1990年代前半で飢餓人口を2,700万人削減できたにも関わらず、90年代後半では、逆に飢餓人口が2000万人も増えてしまった。
以上の3つはすべて、WFP Hunger Factsより (WFP : United Nations World Food Programme 国連世界食糧計画)
https://www.wfp.org
現時点では、地球全体には十分に食糧があるのに、なぜ飢餓が起こり、しかもそれがどんどん増えているのでしょうか?
主な原因は、「慢性的な貧困の広がり」「食糧価格の高騰」で、要は十分な食糧を買うお金がない人がそれだけ多い、つまり、うまく食糧が分配されないことが原因だと思います。
特に、食糧価格の高騰は、下記のようにますます深刻です。

● 基礎的食糧は5年で2倍に高騰。

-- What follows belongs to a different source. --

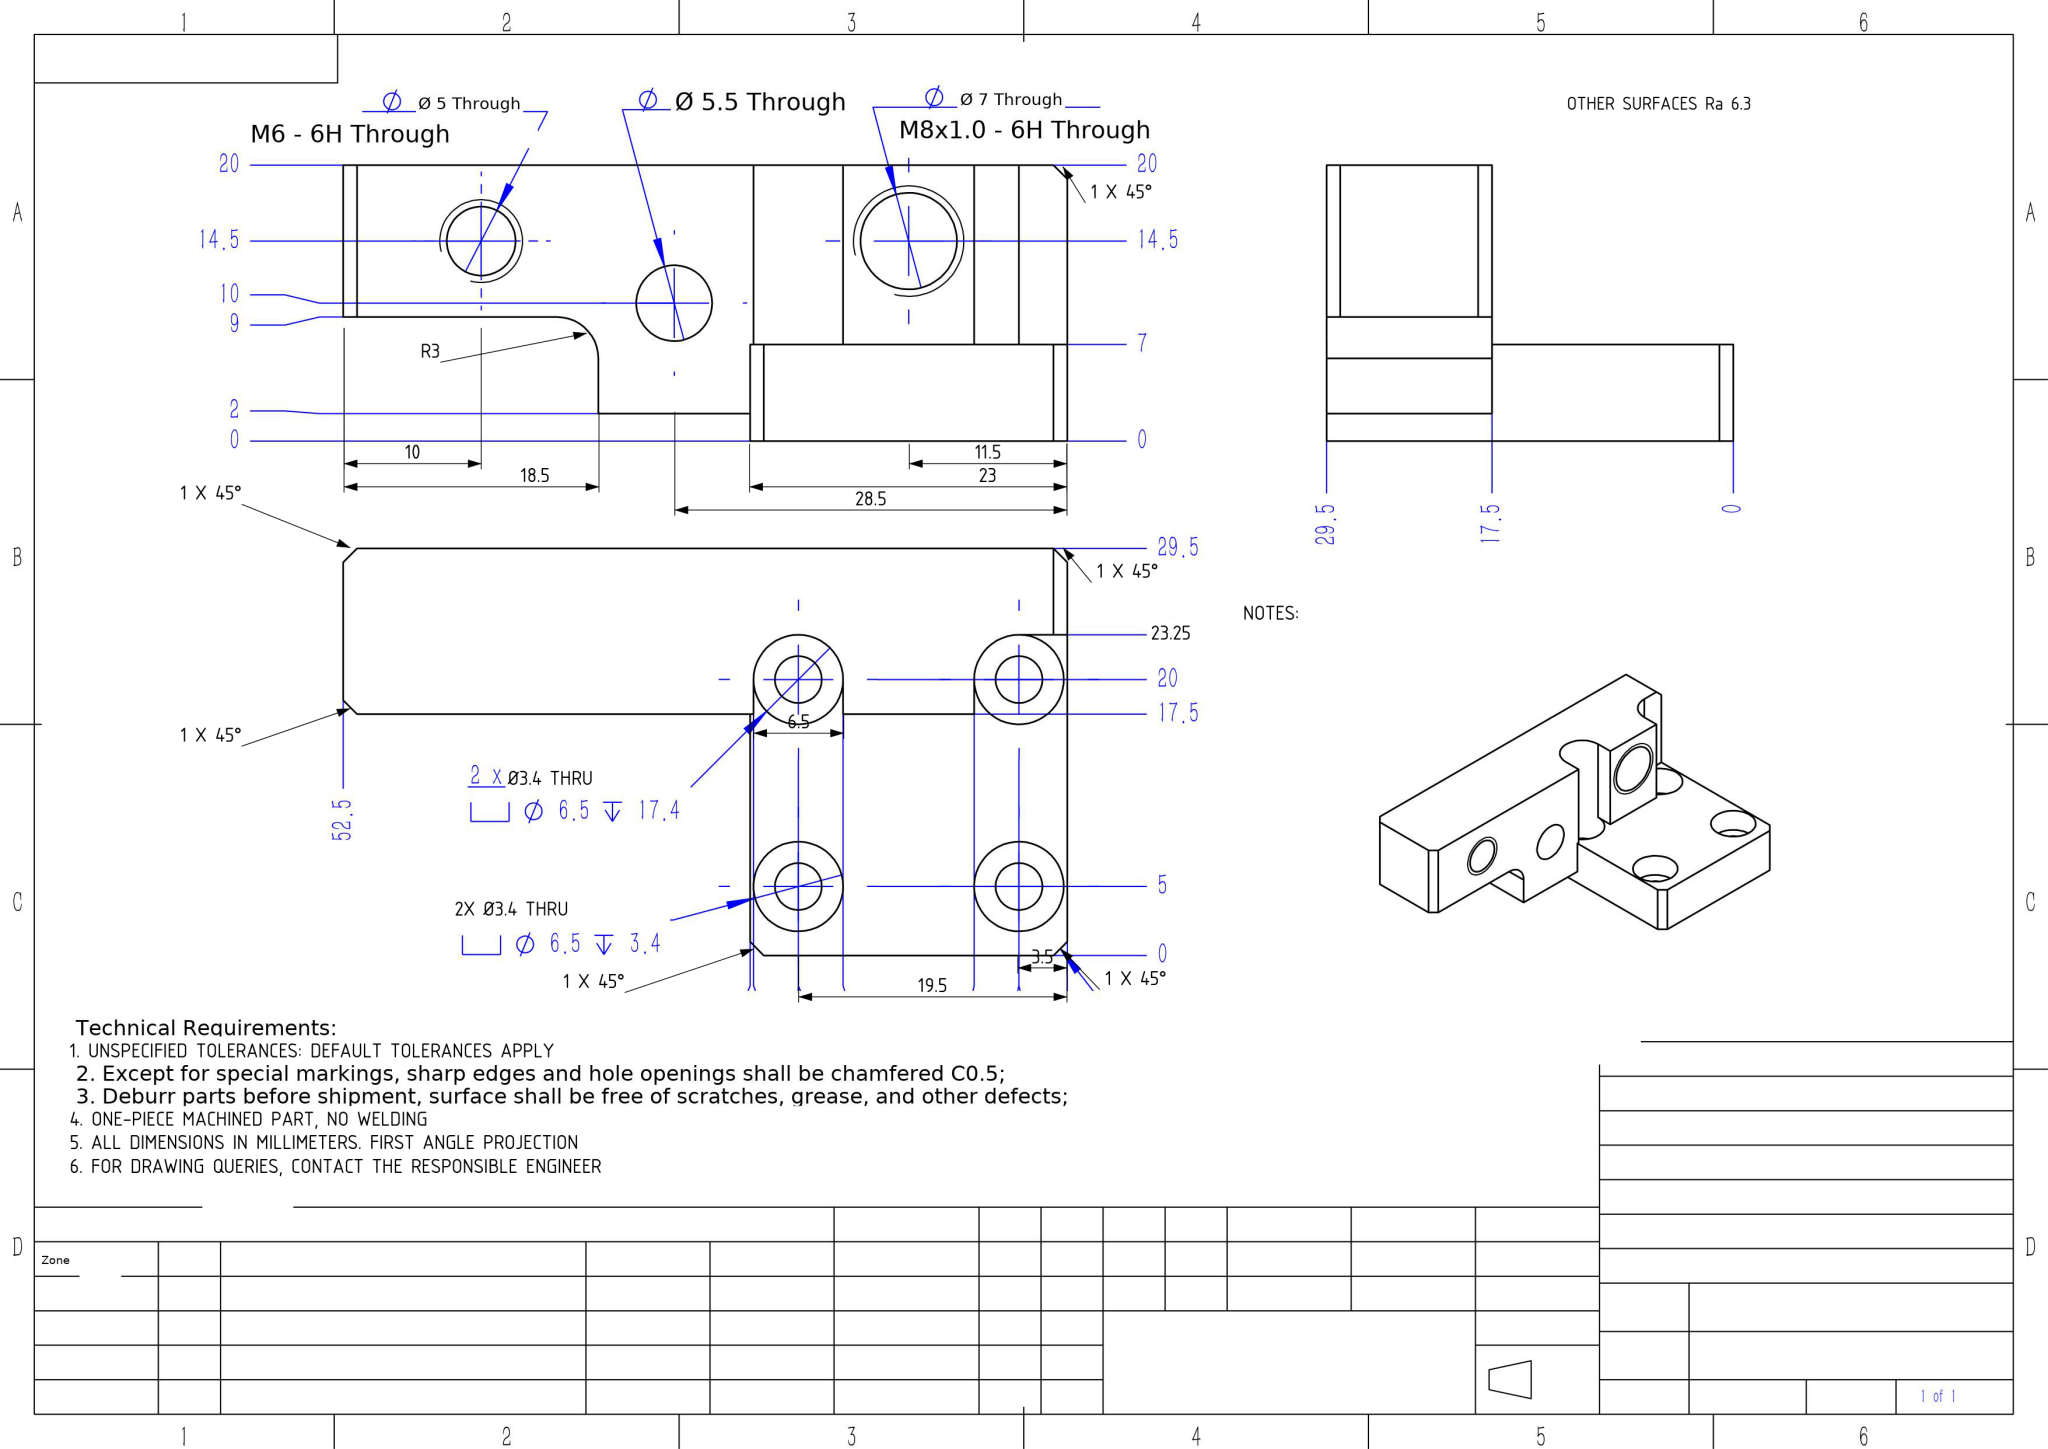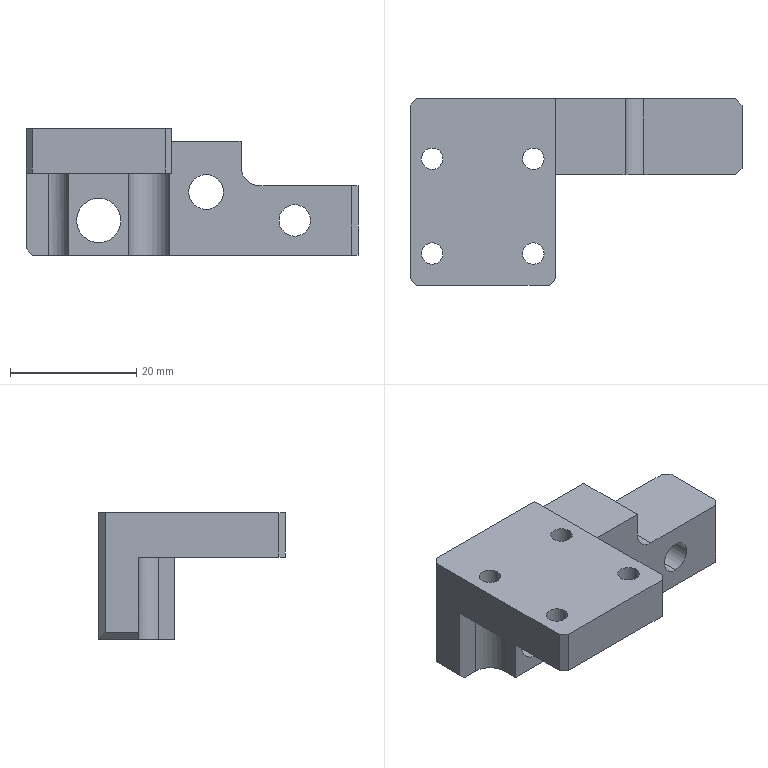Part | NX | mm | 1 solid | 50 faces | box 52.5 x 29.5 x 20 mm | volume 10633 mm3 | plane 27 | cylinder 23 | commonest cylinder face diameters 3.4 x8 6.5 x8 5.5 x2 7 x2 5 x2 6 x1

ますます飢餓に拍車。


FAO Food Price Index : 肉、バター、チーズ、穀物、米、オイル、砂糖などの価格から算出した食糧価格の指標
(FAO : Food and Agriculture Organization of the United Nations、国連食糧農業機関)
FAOより
https://www.fao.org/worldfoodsituation/FoodPricesIndex/en/

今後は、世界の人口が増えること、途上国の食生活の向上で一人当たりの食糧消費量が増えること、水不足や自然災害の増加で食糧生産への悪影響が増えると予測されること、食糧を元に作ったバイオエタノールなどをエネルギー資源として使うことが今後増える可能性が高いこと、などを考えると、食糧の絶対量すら足りなくなる状態になる可能性もあり、ますます飢餓に拍車がかかるのではないかと危惧されます。

先にあげた水不足と並んで、世界全体で緊急になんとかしていかないといけない問題です。